3. Batch anything the user will not see for five minutes. Nightly re-scoring, the daily digest, bulk enrichment: none of it is urgent, so none of it runs live. The batch path is about half the price of real-time. Real-time is reserved for the things a user is actually waiting on.

4. Do not call the model when nothing changed. Hash the input context; if it matches the last call, skip it entirely and reuse the cached result. Never score a sample contact, a contact with no activity in two months, or a deal that is already lost. The cheapest API call is the one you do not make.

The safety net: assume the rules will be broken

Discipline is necessary but not sufficient, because a bug or a runaway loop will eventually ignore your rules. So there is a hard floor under the whole thing:

A database-backed spend pool with a hard monthly cap on free-tier AI spend. Every free-tier call checks it before running.
A probabilistic degrade: past 80 percent of the cap, calls start falling back to the rule-based path at random, so you glide into the limit instead of slamming into it.
A killswitch environment variable that disables all free-tier AI instantly, with no deploy.
Per-feature, per-workspace monthly caps (for example, a fixed number of on-demand scores).
A daily spend monitor that alerts at one threshold and automatically flips the killswitch at a higher one.

The point of the net is that the worst case is bounded. On this product the free-tier pool has used five cents of its hundred-dollar ceiling, which means the net has never been close to firing, which is exactly how you want it: built, tested, and idle.

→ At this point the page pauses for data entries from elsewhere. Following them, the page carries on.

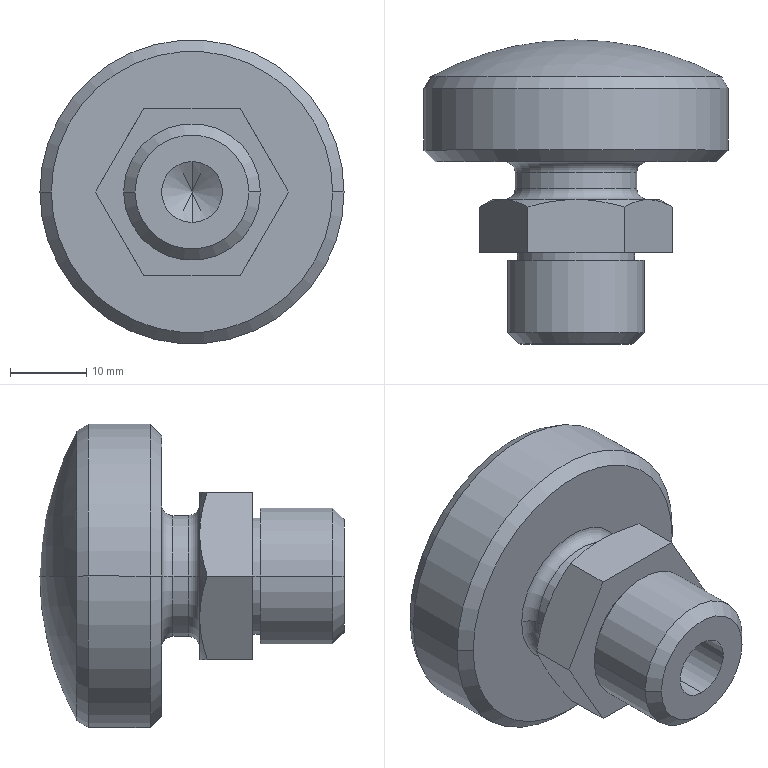Component | SolidWorks | BreatherCap-1 | 1 solid | 37 faces | box 40 x 40 x 40 mm | volume 21828 mm3 | plane 11 | cylinder 10 | cone 10 | torus 4 | sphere 2 | commonest cylinder face diameters 8 x2 15.4 x2 18 x2 16 x2 39.997 x2 | material Q235-A
STEP:
#1=COLOUR_RGB('',0.7922,0.8196,0.9333);
#2=FILL_AREA_STYLE_COLOUR('',#1);
#3=FILL_AREA_STYLE('',(#2));
#4=SURFACE_STYLE_FILL_AREA(#3);
#5=SURFACE_SIDE_STYLE('',(#4));
#6=SURFACE_STYLE_USAGE(.BOTH.,#5);
#7=PRESENTATION_STYLE_ASSIGNMENT((#6));
#8=CARTESIAN_POINT('',(-14.961,3.78,0.1575));
#9=VERTEX_POINT('',#8);
#10=CARTESIAN_POINT('',(-14.961,3.78,-0.1575));
#11=VERTEX_POINT('',#10);
#12=CARTESIAN_POINT('',(-14.961,3.78,0.));
#13=DIRECTION('',(0.,-1.,0.));
#14=DIRECTION('',(0.,0.,-1.));
#15=AXIS2_PLACEMENT_3D('',#12,#13,#14);
#16=CIRCLE('',#15,0.1575);
#17=EDGE_CURVE('',#9,#11,#16,.T.);
#18=ORIENTED_EDGE('',*,*,#17,.F.);
#19=CARTESIAN_POINT('',(-14.961,2.48,0.1575));
#20=VERTEX_POINT('',#19);
#21=CARTESIAN_POINT('',(-14.961,2.48,0.1575));
#22=DIRECTION('',(0.,-1.,0.));
#23=VECTOR('',#22,39.37);
#24=LINE('',#21,#23);
#25=EDGE_CURVE('',#9,#20,#24,.T.);
#26=ORIENTED_EDGE('',*,*,#25,.T.);
#27=CARTESIAN_POINT('',(-14.961,2.48,-0.1575));
#28=VERTEX_POINT('',#27);
#29=CARTESIAN_POINT('',(-14.961,2.48,0.));
#30=DIRECTION('',(0.,-1.,0.));
#31=DIRECTION('',(0.,0.,-1.));
#32=AXIS2_PLACEMENT_3D('',#29,#30,#31);
#33=CIRCLE('',#32,0.1575);
#34=EDGE_CURVE('',#20,#28,#33,.T.);
#35=ORIENTED_EDGE('',*,*,#34,.T.);
#36=CARTESIAN_POINT('',(-14.961,2.48,-0.1575));
#37=DIRECTION('',(0.,-1.,0.));
#38=VECTOR('',#37,39.37);
#39=LINE('',#36,#38);
#40=EDGE_CURVE('',#11,#28,#39,.T.);
#41=ORIENTED_EDGE('',*,*,#40,.F.);
#42=EDGE_LOOP('',(#18,#26,#35,#41));
#43=FACE_OUTER_BOUND('',#42,.T.);
#44=CARTESIAN_POINT('',(-14.961,2.48,0.));
#45=DIRECTION('',(0.,-1.,0.));
#46=DIRECTION('',(0.,0.,-1.));
#47=AXIS2_PLACEMENT_3D('',#44,#45,#46);
#48=CYLINDRICAL_SURFACE('',#47,0.1575);
#49=ADVANCED_FACE('',(#43),#48,.F.);
#50=CARTESIAN_POINT('',(-14.961,3.874,0.));
#51=VERTEX_POINT('',#50);
#52=CARTESIAN_POINT('',(-14.961,3.78,-0.1575));
#53=DIRECTION('',(0.,-0.515,-0.8572));
#54=VECTOR('',#53,39.37);
#55=LINE('',#52,#54);
#56=EDGE_CURVE('',#51,#11,#55,.T.);
#57=ORIENTED_EDGE('',*,*,#56,.F.);
#58=CARTESIAN_POINT('',(-14.961,3.78,0.1575));
#59=DIRECTION('',(0.,-0.515,0.8572));
#60=VECTOR('',#59,39.37);
#61=LINE('',#58,#60);
#62=EDGE_CURVE('',#51,#9,#61,.T.);
#63=ORIENTED_EDGE('',*,*,#62,.T.);
#64=ORIENTED_EDGE('',*,*,#17,.T.);
#65=EDGE_LOOP('',(#57,#63,#64));
#66=FACE_OUTER_BOUND('',#65,.T.);
#67=CARTESIAN_POINT('',(-14.961,3.78,0.));
#68=DIRECTION('',(0.,-1.,0.));
#69=DIRECTION('',(0.,0.,-1.));
#70=AXIS2_PLACEMENT_3D('',#67,#68,#69);
#71=CONICAL_SURFACE('',#70,0.1575,1.03);
#72=ADVANCED_FACE('',(#66),#71,.F.);
#73=CARTESIAN_POINT('',(-15.264,2.913,0.));
#74=VERTEX_POINT('',#73);
#75=CARTESIAN_POINT('',(-14.657,2.913,0.));
#76=VERTEX_POINT('',#75);
#77=CARTESIAN_POINT('',(-14.961,2.913,0.));
#78=DIRECTION('',(-0.,1.,0.));
#79=DIRECTION('',(-1.,-0.,0.));
#80=AXIS2_PLACEMENT_3D('',#77,#78,#79);
#81=CIRCLE('',#80,0.3031);
#82=EDGE_CURVE('',#74,#76,#81,.T.);
#83=ORIENTED_EDGE('',*,*,#82,.T.);
#84=CARTESIAN_POINT('',(-14.657,2.953,0.));
#85=VERTEX_POINT('',#84);
#86=CARTESIAN_POINT('',(-14.657,4.055,0.));
#87=DIRECTION('',(-0.,1.,0.));
#88=VECTOR('',#87,39.37);
#89=LINE('',#86,#88);
#90=EDGE_CURVE('',#76,#85,#89,.T.);
#91=ORIENTED_EDGE('',*,*,#90,.T.);
#92=CARTESIAN_POINT('',(-15.264,2.953,0.));
#93=VERTEX_POINT('',#92);
#94=CARTESIAN_POINT('',(-14.961,2.953,0.));
#95=DIRECTION('',(-0.,1.,0.));
#96=DIRECTION('',(-1.,-0.,0.));
#97=AXIS2_PLACEMENT_3D('',#94,#95,#96);
#98=CIRCLE('',#97,0.3031);
#99=EDGE_CURVE('',#93,#85,#98,.T.);
#100=ORIENTED_EDGE('',*,*,#99,.F.);
#101=CARTESIAN_POINT('',(-15.264,4.055,0.));
#102=DIRECTION('',(-0.,1.,0.));
#103=VECTOR('',#102,39.37);
#104=LINE('',#101,#103);
#105=EDGE_CURVE('',#74,#93,#104,.T.);
#106=ORIENTED_EDGE('',*,*,#105,.F.);
#107=EDGE_LOOP('',(#83,#91,#100,#106));
#108=FACE_OUTER_BOUND('',#107,.T.);
#109=CARTESIAN_POINT('',(-14.961,4.055,0.));
#110=DIRECTION('',(-0.,1.,0.));
#111=DIRECTION('',(-1.,-0.,0.));
#112=AXIS2_PLACEMENT_3D('',#109,#110,#111);
#113=CYLINDRICAL_SURFACE('',#112,0.3031);
#114=ADVANCED_FACE('',(#108),#113,.T.);
#115=CARTESIAN_POINT('',(-15.315,2.539,0.));
#116=VERTEX_POINT('',#115);
#117=CARTESIAN_POINT('',(-14.606,2.539,0.));
#118=VERTEX_POINT('',#117);
#119=CARTESIAN_POINT('',(-14.961,2.539,0.));
#120=DIRECTION('',(-0.,1.,0.));
#121=DIRECTION('',(-1.,-0.,0.));
#122=AXIS2_PLACEMENT_3D('',#119,#120,#121);
#123=CIRCLE('',#122,0.3543);
#124=EDGE_CURVE('',#116,#118,#123,.T.);
#125=ORIENTED_EDGE('',*,*,#124,.T.);
#126=CARTESIAN_POINT('',(-14.606,2.913,0.));
#127=VERTEX_POINT('',#126);
#128=CARTESIAN_POINT('',(-14.606,4.055,0.));
#129=DIRECTION('',(-0.,1.,0.));
#130=VECTOR('',#129,39.37);
#131=LINE('',#128,#130);
#132=EDGE_CURVE('',#118,#127,#131,.T.);
#133=ORIENTED_EDGE('',*,*,#132,.T.);
#134=CARTESIAN_POINT('',(-15.315,2.913,0.));
#135=VERTEX_POINT('',#134);
#136=CARTESIAN_POINT('',(-14.961,2.913,0.));
#137=DIRECTION('',(-0.,1.,0.));
#138=DIRECTION('',(-1.,-0.,0.));
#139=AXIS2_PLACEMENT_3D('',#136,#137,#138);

Knowing where the money goes

Because every call is logged, the spend breaks down by feature, and the breakdown is itself a lesson. On this product, deal scoring is about half of all spend; AI drafts are the next chunk; and the marquee features people get most excited about (the photo and voice features) cost literal pennies. By tier, essentially all of it is paid-plan usage; free-tier spend is a rounding error.

That visibility is what lets you optimize the right thing. If you wanted to cut the bill, you would look at scoring first, not at the feature that sounds expensive. Without the log you would be guessing, and you would guess wrong (see the "read the evidence" habit from the verification module).

The other half of cost: flag the real-world bill at the decision

Not all cost is tokens. The most expensive choices are infrastructure choices, and they do not show up in the code. The rule here is to flag any real-world cost over about $100 in the same breath as the decision that creates it, with the alternatives, so it is a conscious call and not a surprise on a statement.

The clearest example on this project: choosing where to store walkthrough audio and photos. One option was about $11 a month. The obvious-looking default was about $1,188 a month at the same scale, because of egress pricing. Same feature, a hundred-fold cost difference, decided by a line nobody would notice in a diff. Catching that at decision time saved more than a thousand dollars a month, forever. The same discipline applies to restricted OAuth scopes that trigger paid security audits, to hosting-tier upgrades, and to any third-party API with a real monthly minimum.

The honest caveats

This matters because you are paying. At a funded company someone else eats the bill and this discipline quietly atrophies. Solo, it is existential, which is why it lives in the architecture and not in a wiki nobody reads.
The numbers are small because the usage is small. The point is not that $27 is impressive on its own. The point is that the discipline is what lets the bill stay proportional as usage grows, instead of exploding. Cheap-at-small that becomes expensive-at-scale is a trap; this is built to stay cheap.

Exercise

Instrument first. Log every AI call with its token counts and computed cost before you ship a second feature. Build the one page that sums it.
Default to the cheapest model and cache the system prompt on every call. Verify the cache is actually hitting (you will see it in your logs).
Put a hard cap and a killswitch behind an env var before you open the feature to anyone. Test that the killswitch works.
Read your per-feature breakdown after a week. Optimize the biggest line, not the scariest-sounding one.
Write down the one infrastructure decision in your build that could have cost more than $100 a month, and what you chose instead.